Yes, I want to underline this.
Seven years total at my school is not uncommon (we get 1 or 2 students who do it per year). Since our 3rd and 4th years are compressed into 15-18 months, this translates into 3.5+ years of research.
I'm going to grad in 2007 with 7 years total, and for me and most of the other students I know who did this it was very heavily PI-dependent. We all had PIs who were independently motivated to get us out quickly.
Often, your typical PhD involves some number of years slaving away on an ambitious but unsure project that gives you nothing but negative data. For a few lucky people, these projects eventually work out. More commonly, there comes a point when the PI takes pity on you and directs you/allows you to direct yourself towards something less exciting but more reliably fruitful. This can happen at pretty much any point during your training.
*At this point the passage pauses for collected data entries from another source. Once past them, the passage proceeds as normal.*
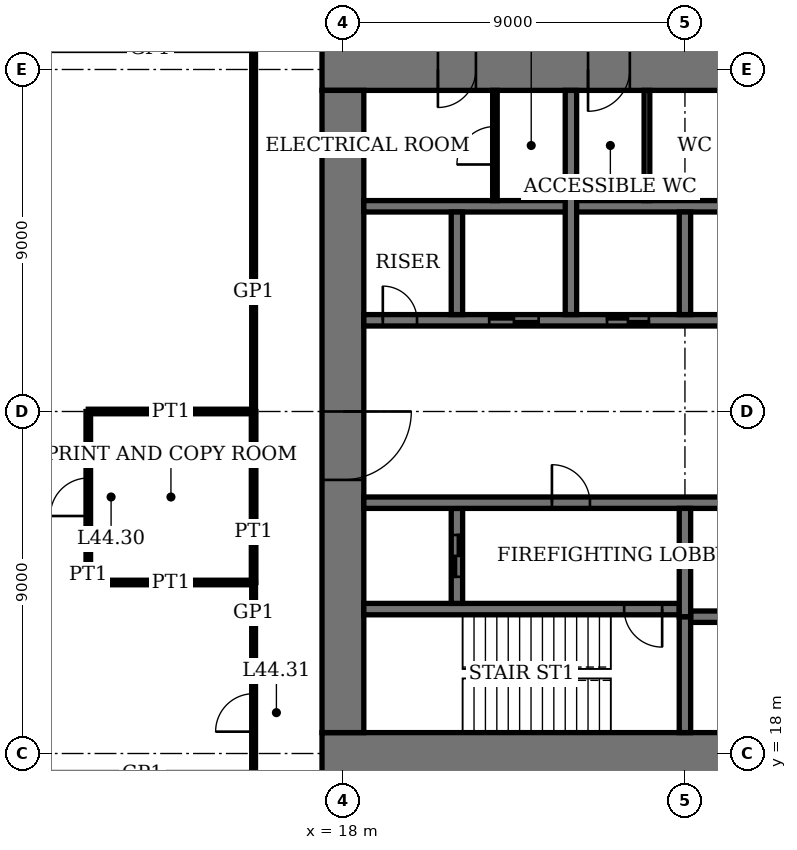
"""IFC4 building model, lengths in metres.
Left out: names, types, materials, properties, quantities, classifications, styles, units other than length and angle.
Written with IfcOpenShell. Run it as: python <this file> out.ifc"""

import sys

from ifc_helpers import new_model, si_unit, direction, frame, frame_2d, origin, place, context, subcontext, project, spatial, rectangle, extrude, element, fill, save


model = new_model("IFC4")
c1 = context("Model", 3, precision=1e-05, world=origin(), true_north=direction((0.0, 1.0)))
c2 = subcontext(c1, "Body", "Model", "MODEL_VIEW")
j1 = project(units=[si_unit("LENGTHUNIT", "METRE"), si_unit("PLANEANGLEUNIT", "RADIAN")], contexts=[c1])
p1 = place(None, origin())
s1 = spatial("IfcSite", under=j1, at=p1, CompositionType="ELEMENT")
p2 = place(p1, origin())
s2 = spatial("IfcBuilding", under=s1, at=p2, CompositionType="ELEMENT")
p3 = place(p2, frame((0.0, 0.0, 182.2)))
s3 = spatial("IfcBuildingStorey", under=s2, at=p3, CompositionType="ELEMENT", Elevation=182.2)
p4 = place(p3, frame((17.45, 18.0, 0.0), z_axis=(0.0, 0.0, 1.0), x_axis=(1.0, 0.0, 0.0)))
e1 = element("IfcWall", 1, at=p4, inside=s3, PredefinedType="SHEAR", context=c2, shape_type="SweptSolid", body=[
    extrude(rectangle(XDim=28.1, YDim=1.1, at=frame_2d((14.05, 0.0))), origin(), (0.0, 0.0, 1.0), 4.0),
])
p5 = place(p4, frame((11.55, 0.0, 0.0)))
e2 = element("IfcOpeningElement", 2, at=p5, cuts=e1, PredefinedType="OPENING", context=c2, shape_type="SweptSolid", body=[
    extrude(rectangle(XDim=1.0, YDim=2.4, at=frame_2d((0.5, 1.2))), frame((0.0, 0.56, 0.0), z_axis=(0.0, -1.0, 0.0), x_axis=(1.0, 0.0, 0.0)), (0.0, 0.0, 1.0), 1.12),
])
p6 = place(p4, frame((16.55, 0.0, 0.0)))
e3 = element("IfcOpeningElement", 3, at=p6, cuts=e1, PredefinedType="OPENING", context=c2, shape_type="SweptSolid", body=[
    extrude(rectangle(XDim=1.0, YDim=2.4, at=frame_2d((0.5, 1.2))), frame((0.0, 0.56, 0.0), z_axis=(0.0, -1.0, 0.0), x_axis=(1.0, 0.0, 0.0)), (0.0, 0.0, 1.0), 1.12),
])
p7 = place(p4, frame((20.0, 0.0, 0.0)))
e4 = element("IfcOpeningElement", 4, at=p7, cuts=e1, PredefinedType="OPENING", context=c2, shape_type="SweptSolid", body=[
    extrude(rectangle(XDim=1.1, YDim=2.4, at=frame_2d((0.55, 1.2))), frame((0.0, 0.56, 0.0), z_axis=(0.0, -1.0, 0.0), x_axis=(1.0, 0.0, 0.0)), (0.0, 0.0, 1.0), 1.12),
])
p8 = place(p4, frame((24.05, 0.0, 0.0)))
e5 = element("IfcOpeningElement", 5, at=p8, cuts=e1, PredefinedType="OPENING", context=c2, shape_type="SweptSolid", body=[
    extrude(rectangle(XDim=1.0, YDim=2.4, at=frame_2d((0.5, 1.2))), frame((0.0, 0.56, 0.0), z_axis=(0.0, -1.0, 0.0), x_axis=(1.0, 0.0, 0.0)), (0.0, 0.0, 1.0), 1.12),
])
p9 = place(p3, frame((45.55, 36.0, 0.0), z_axis=(0.0, 0.0, 1.0), x_axis=(-1.0, 0.0, 0.0)))
e6 = element("IfcWall", 6, at=p9, inside=s3, PredefinedType="SHEAR", context=c2, shape_type="SweptSolid", body=[
    extrude(rectangle(XDim=28.1, YDim=1.1, at=frame_2d((14.05, 0.0))), origin(), (0.0, 0.0, 1.0), 4.0),
])
p10 = place(p9, frame((11.55, 0.0, 0.0)))
e7 = element("IfcOpeningElement", 7, at=p10, cuts=e6, PredefinedType="OPENING", context=c2, shape_type="SweptSolid", body=[
    extrude(rectangle(XDim=1.0, YDim=2.4, at=frame_2d((0.5, 1.2))), frame((0.0, 0.56, 0.0), z_axis=(0.0, -1.0, 0.0), x_axis=(1.0, 0.0, 0.0)), (0.0, 0.0, 1.0), 1.12),
])
p11 = place(p9, frame((16.55, 0.0, 0.0)))
e8 = element("IfcOpeningElement", 8, at=p11, cuts=e6, PredefinedType="OPENING", context=c2, shape_type="SweptSolid", body=[
    extrude(rectangle(XDim=1.0, YDim=2.4, at=frame_2d((0.5, 1.2))), frame((0.0, 0.56, 0.0), z_axis=(0.0, -1.0, 0.0), x_axis=(1.0, 0.0, 0.0)), (0.0, 0.0, 1.0), 1.12),
])
p12 = place(p9, frame((20.0, 0.0, 0.0)))
e9 = element("IfcOpeningElement", 9, at=p12, cuts=e6, PredefinedType="OPENING", context=c2, shape_type="SweptSolid", body=[
    extrude(rectangle(XDim=1.1, YDim=2.4, at=frame_2d((0.55, 1.2))), frame((0.0, 0.56, 0.0), z_axis=(0.0, -1.0, 0.0), x_axis=(1.0, 0.0, 0.0)), (0.0, 0.0, 1.0), 1.12),
])
p13 = place(p9, frame((24.05, 0.0, 0.0)))
e10 = element("IfcOpeningElement", 10, at=p13, cuts=e6, PredefinedType="OPENING", context=c2, shape_type="SweptSolid", body=[
    extrude(rectangle(XDim=1.0, YDim=2.4, at=frame_2d((0.5, 1.2))), frame((0.0, 0.56, 0.0), z_axis=(0.0, -1.0, 0.0), x_axis=(1.0, 0.0, 0.0)), (0.0, 0.0, 1.0), 1.12),
])
p14 = place(p3, frame((18.0, 35.45, 0.0), z_axis=(0.0, 0.0, 1.0), x_axis=(0.0, -1.0, 0.0)))
e11 = element("IfcWall", 11, at=p14, inside=s3, PredefinedType="SHEAR", context=c2, shape_type="SweptSolid", body=[
    extrude(rectangle(XDim=16.9, YDim=1.1, at=frame_2d((8.45, 0.0))), origin(), (0.0, 0.0, 1.0), 4.0),
])
p15 = place(p14, frame((8.45, 0.0, 0.0)))
e12 = element("IfcOpeningElement", 12, at=p15, cuts=e11, PredefinedType="OPENING", context=c2, shape_type="SweptSolid", body=[
    extrude(rectangle(XDim=1.8, YDim=2.4, at=frame_2d((0.9, 1.2))), frame((0.0, 0.56, 0.0), z_axis=(0.0, -1.0, 0.0), x_axis=(1.0, 0.0, 0.0)), (0.0, 0.0, 1.0), 1.12),
])
p16 = place(p3, frame((18.55, 21.8, 0.0), z_axis=(0.0, 0.0, 1.0), x_axis=(1.0, 0.0, 0.0)))
e13 = element("IfcWall", 13, at=p16, inside=s3, PredefinedType="SHEAR", context=c2, shape_type="SweptSolid", body=[
    extrude(rectangle(XDim=8.3, YDim=0.3, at=frame_2d((4.15, 0.0))), origin(), (0.0, 0.0, 1.0), 4.0),
])
p17 = place(p16, frame((6.85, 0.0, 0.0)))
e14 = element("IfcOpeningElement", 14, at=p17, cuts=e13, PredefinedType="OPENING", context=c2, shape_type="SweptSolid", body=[
    extrude(rectangle(XDim=1.0, YDim=2.4, at=frame_2d((0.5, 1.2))), frame((0.0, 0.16, 0.0), z_axis=(0.0, -1.0, 0.0), x_axis=(1.0, 0.0, 0.0)), (0.0, 0.0, 1.0), 0.32),
])
p18 = place(p3, frame((27.0, 18.55, 0.0), z_axis=(0.0, 0.0, 1.0), x_axis=(0.0, 1.0, 0.0)))
e15 = element("IfcWall", 15, at=p18, inside=s3, PredefinedType="SHEAR", context=c2, shape_type="SweptSolid", body=[
    extrude(rectangle(XDim=3.05, YDim=0.3, at=frame_2d((1.525, 0.0))), origin(), (0.0, 0.0, 1.0), 4.0),
])
p19 = place(p3, frame((21.0, 21.95, 0.0), z_axis=(0.0, 0.0, 1.0), x_axis=(0.0, 1.0, 0.0)))
e16 = element("IfcWall", 16, at=p19, inside=s3, PredefinedType="SHEAR", context=c2, shape_type="SweptSolid", body=[
    extrude(rectangle(XDim=2.5, YDim=0.3, at=frame_2d((1.25, 0.0))), origin(), (0.0, 0.0, 1.0), 4.0),
])
p20 = place(p19, frame((0.7, 0.0, 0.0)))
e17 = element("IfcOpeningElement", 17, at=p20, cuts=e16, PredefinedType="OPENING", context=c2, shape_type="SweptSolid", body=[
    extrude(rectangle(XDim=1.1, YDim=2.4, at=frame_2d((0.55, 1.2))), frame((0.0, 0.16, 0.0), z_axis=(0.0, -1.0, 0.0), x_axis=(1.0, 0.0, 0.0)), (0.0, 0.0, 1.0), 0.32),
])
p21 = place(p3, frame((18.55, 24.6, 0.0), z_axis=(0.0, 0.0, 1.0), x_axis=(1.0, 0.0, 0.0)))
e18 = element("IfcWall", 18, at=p21, inside=s3, PredefinedType="SHEAR", context=c2, shape_type="SweptSolid", body=[
    extrude(rectangle(XDim=25.9, YDim=0.3, at=frame_2d((12.95, 0.0))), origin(), (0.0, 0.0, 1.0), 4.0),
])
p22 = place(p21, frame((4.95, 0.0, 0.0)))
e19 = element("IfcOpeningElement", 19, at=p22, cuts=e18, PredefinedType="OPENING", context=c2, shape_type="SweptSolid", body=[
    extrude(rectangle(XDim=1.0, YDim=2.4, at=frame_2d((0.5, 1.2))), frame((0.0, 0.16, 0.0), z_axis=(0.0, -1.0, 0.0), x_axis=(1.0, 0.0, 0.0)), (0.0, 0.0, 1.0), 0.32),
])
p23 = place(p21, frame((24.5, 0.0, 0.0)))
e20 = element("IfcOpeningElement", 20, at=p23, cuts=e18, PredefinedType="OPENING", context=c2, shape_type="SweptSolid", body=[
    extrude(rectangle(XDim=0.9, YDim=2.1, at=frame_2d((0.45, 1.05))), frame((0.0, 0.16, 0.0), z_axis=(0.0, -1.0, 0.0), x_axis=(1.0, 0.0, 0.0)), (0.0, 0.0, 1.0), 0.32),
])
p24 = place(p21, frame((21.3, 0.0, 0.0)))
e21 = element("IfcOpeningElement", 21, at=p24, cuts=e18, PredefinedType="OPENING", context=c2, shape_type="SweptSolid", body=[
    extrude(rectangle(XDim=1.3, YDim=2.4, at=frame_2d((0.65, 1.2))), frame((0.0, 0.16, 0.0), z_axis=(0.0, -1.0, 0.0), x_axis=(1.0, 0.0, 0.0)), (0.0, 0.0, 1.0), 0.32),
])
p25 = place(p3, frame((18.55, 29.4, 0.0), z_axis=(0.0, 0.0, 1.0), x_axis=(1.0, 0.0, 0.0)))
e22 = element("IfcWall", 22, at=p25, inside=s3, PredefinedType="SHEAR", context=c2, shape_type="SweptSolid", body=[
    extrude(rectangle(XDim=25.9, YDim=0.3, at=frame_2d((12.95, 0.0))), origin(), (0.0, 0.0, 1.0), 4.0),
])
p26 = place(p25, frame((19.95, 0.0, 0.0)))
e23 = element("IfcOpeningElement", 23, at=p26, cuts=e22, PredefinedType="OPENING", context=c2, shape_type="SweptSolid", body=[
    extrude(rectangle(XDim=1.0, YDim=2.4, at=frame_2d((0.5, 1.2))), frame((0.0, 0.16, 0.0), z_axis=(0.0, -1.0, 0.0), x_axis=(1.0, 0.0, 0.0)), (0.0, 0.0, 1.0), 0.32),
])
p27 = place(p25, frame((0.5, 0.0, 0.0)))
e24 = element("IfcOpeningElement", 24, at=p27, cuts=e22, PredefinedType="OPENING", context=c2, shape_type="SweptSolid", body=[
    extrude(rectangle(XDim=0.9, YDim=2.1, at=frame_2d((0.45, 1.05))), frame((0.0, 0.16, 0.0), z_axis=(0.0, -1.0, 0.0), x_axis=(1.0, 0.0, 0.0)), (0.0, 0.0, 1.0), 0.32),
])
p28 = place(p25, frame((15.45, 0.0, 0.0)))
e25 = element("IfcOpeningElement", 25, at=p28, cuts=e22, PredefinedType="OPENING", context=c2, shape_type="SweptSolid", body=[
    extrude(rectangle(XDim=1.0, YDim=2.4, at=frame_2d((0.5, 1.2))), frame((0.0, 0.16, 0.0), z_axis=(0.0, -1.0, 0.0), x_axis=(1.0, 0.0, 0.0)), (0.0, 0.0, 1.0), 0.32),
])
p29 = place(p25, frame((12.45, 0.0, 0.0)))
e26 = element("IfcOpeningElement", 26, at=p29, cuts=e22, PredefinedType="OPENING", context=c2, shape_type="SweptSolid", body=[
    extrude(rectangle(XDim=1.0, YDim=2.4, at=frame_2d((0.5, 1.2))), frame((0.0, 0.16, 0.0), z_axis=(0.0, -1.0, 0.0), x_axis=(1.0, 0.0, 0.0)), (0.0, 0.0, 1.0), 0.32),
])
p30 = place(p25, frame((9.4, 0.0, 0.0)))
e27 = element("IfcOpeningElement", 27, at=p30, cuts=e22, PredefinedType="OPENING", context=c2, shape_type="SweptSolid", body=[
    extrude(rectangle(XDim=1.1, YDim=2.4, at=frame_2d((0.55, 1.2))), frame((0.0, 0.16, 0.0), z_axis=(0.0, -1.0, 0.0), x_axis=(1.0, 0.0, 0.0)), (0.0, 0.0, 1.0), 0.32),
])
p31 = place(p25, frame((6.4, 0.0, 0.0)))
e28 = element("IfcOpeningElement", 28, at=p31, cuts=e22, PredefinedType="OPENING", context=c2, shape_type="SweptSolid", body=[
    extrude(rectangle(XDim=1.1, YDim=2.4, at=frame_2d((0.55, 1.2))), frame((0.0, 0.16, 0.0), z_axis=(0.0, -1.0, 0.0), x_axis=(1.0, 0.0, 0.0)), (0.0, 0.0, 1.0), 0.32),
])
p32 = place(p25, frame((3.3, 0.0, 0.0)))
e29 = element("IfcOpeningElement", 29, at=p32, cuts=e22, PredefinedType="OPENING", context=c2, shape_type="SweptSolid", body=[
    extrude(rectangle(XDim=1.3, YDim=2.4, at=frame_2d((0.65, 1.2))), frame((0.0, 0.16, 0.0), z_axis=(0.0, -1.0, 0.0), x_axis=(1.0, 0.0, 0.0)), (0.0, 0.0, 1.0), 0.32),
])
for number, where, z_axis, x_axis in (
    (30, (27.15, 21.6, 0.0), (0.0, 0.0, 1.0), (1.0, 0.0, 0.0)),
    (31, (18.55, 32.4, 0.0), (0.0, 0.0, 1.0), (1.0, 0.0, 0.0)),
):
    element("IfcWall", number, at=place(p3, frame(where, z_axis=z_axis, x_axis=x_axis)), inside=s3, PredefinedType="SHEAR", context=c2, shape_type="SweptSolid", body=[
        extrude(rectangle(XDim=17.3, YDim=0.3, at=frame_2d((8.65, 0.0))), origin(), (0.0, 0.0, 1.0), 4.0),
    ])
p33 = place(p3, frame((27.0, 29.55, 0.0), z_axis=(0.0, 0.0, 1.0), x_axis=(0.0, 1.0, 0.0)))
e32 = element("IfcWall", 32, at=p33, inside=s3, PredefinedType="SHEAR", context=c2, shape_type="SweptSolid", body=[
    extrude(rectangle(XDim=2.7, YDim=0.3, at=frame_2d((1.35, 0.0))), origin(), (0.0, 0.0, 1.0), 4.0),
])
p34 = place(p3, frame((24.0, 29.55, 0.0), z_axis=(0.0, 0.0, 1.0), x_axis=(0.0, 1.0, 0.0)))
e33 = element("IfcWall", 33, at=p34, inside=s3, PredefinedType="SHEAR", context=c2, shape_type="SweptSolid", body=[
    extrude(rectangle(XDim=5.9, YDim=0.3, at=frame_2d((2.95, 0.0))), origin(), (0.0, 0.0, 1.0), 4.0),
])
p35 = place(p3, frame((21.0, 29.55, 0.0), z_axis=(0.0, 0.0, 1.0), x_axis=(0.0, 1.0, 0.0)))
e34 = element("IfcWall", 34, at=p35, inside=s3, PredefinedType="SHEAR", context=c2, shape_type="SweptSolid", body=[
    extrude(rectangle(XDim=2.7, YDim=0.3, at=frame_2d((1.35, 0.0))), origin(), (0.0, 0.0, 1.0), 4.0),
])
p36 = place(p3, frame((27.0, 21.6, 0.0), z_axis=(0.0, 0.0, 1.0), x_axis=(0.0, 1.0, 0.0)))
e35 = element("IfcWall", 35, at=p36, inside=s3, PredefinedType="SHEAR", context=c2, shape_type="SweptSolid", body=[
    extrude(rectangle(XDim=2.85, YDim=0.3, at=frame_2d((1.425, 0.0))), origin(), (0.0, 0.0, 1.0), 4.0),
])
p37 = place(p3, frame((11.3, 22.5, 0.0), z_axis=(0.0, 0.0, 1.0), x_axis=(1.0, 0.0, 0.0)))
e36 = element("IfcWall", 36, at=p37, inside=s3, PredefinedType="PARTITIONING", context=c2, shape_type="SweptSolid", body=[
    extrude(rectangle(XDim=4.35, YDim=0.12, at=frame_2d((2.175, 0.0))), origin(), (0.0, 0.0, 1.0), 3.1),
])
p38 = place(p3, frame((11.3, 27.0, 0.0), z_axis=(0.0, 0.0, 1.0), x_axis=(1.0, 0.0, 0.0)))
e37 = element("IfcWall", 37, at=p38, inside=s3, PredefinedType="PARTITIONING", context=c2, shape_type="SweptSolid", body=[
    extrude(rectangle(XDim=4.35, YDim=0.12, at=frame_2d((2.175, 0.0))), origin(), (0.0, 0.0, 1.0), 3.05),
])
p39 = place(p3, frame((11.3, 22.5, 0.0), z_axis=(0.0, 0.0, 1.0), x_axis=(0.0, 1.0, 0.0)))
e38 = element("IfcWall", 38, at=p39, inside=s3, PredefinedType="PARTITIONING", context=c2, shape_type="SweptSolid", body=[
    extrude(rectangle(XDim=4.5, YDim=0.12, at=frame_2d((2.25, 0.0))), origin(), (0.0, 0.0, 1.0), 3.75),
])
p40 = place(p39, frame((1.75, 0.0, 0.0)))
e39 = element("IfcOpeningElement", 39, at=p40, cuts=e38, PredefinedType="OPENING", context=c2, shape_type="SweptSolid", body=[
    extrude(rectangle(XDim=1.0, YDim=2.4, at=frame_2d((0.5, 1.2))), frame((0.0, 0.07, 0.0), z_axis=(0.0, -1.0, 0.0), x_axis=(1.0, 0.0, 0.0)), (0.0, 0.0, 1.0), 0.14),
])
p41 = place(p3, frame((15.65, 22.5, 0.0), z_axis=(0.0, 0.0, 1.0), x_axis=(0.0, 1.0, 0.0)))
e40 = element("IfcWall", 40, at=p41, inside=s3, PredefinedType="PARTITIONING", context=c2, shape_type="SweptSolid", body=[
    extrude(rectangle(XDim=4.5, YDim=0.12, at=frame_2d((2.25, 0.0))), origin(), (0.0, 0.0, 1.0), 3.75),
])
p42 = place(p3, frame((15.65, 15.65, 0.0), z_axis=(0.0, 0.0, 1.0), x_axis=(0.0, 1.0, 0.0)))
e41 = element("IfcWall", 41, at=p42, inside=s3, PredefinedType="PARTITIONING", context=c2, shape_type="SweptSolid", body=[
    extrude(rectangle(XDim=6.85, YDim=0.1, at=frame_2d((3.425, 0.0))), origin(), (0.0, 0.0, 1.0), 3.75),
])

If your PI doesn't care about getting you out, it might happen at year 5 or 6. If your PI is motivated to get you out, it might happen at year 2. Most of the PhD students I know (myself included) say they got 90% of the data for their theses in their last six months to a year of research.
Other things that are helpful are either knowing the field/lab very well already (as others have mentioned), or choosing a field in which data are generated at a rapid and/or highly controllable rate. These fields include fly/worm genetics, human functional imaging, theoretical/computational biology, and epidemiology (where you set the length of your study at the beginning). Stay away from mouse genetics (can take years to generate a mouse) and primate in vivo recordings (can take a year to train the monkey).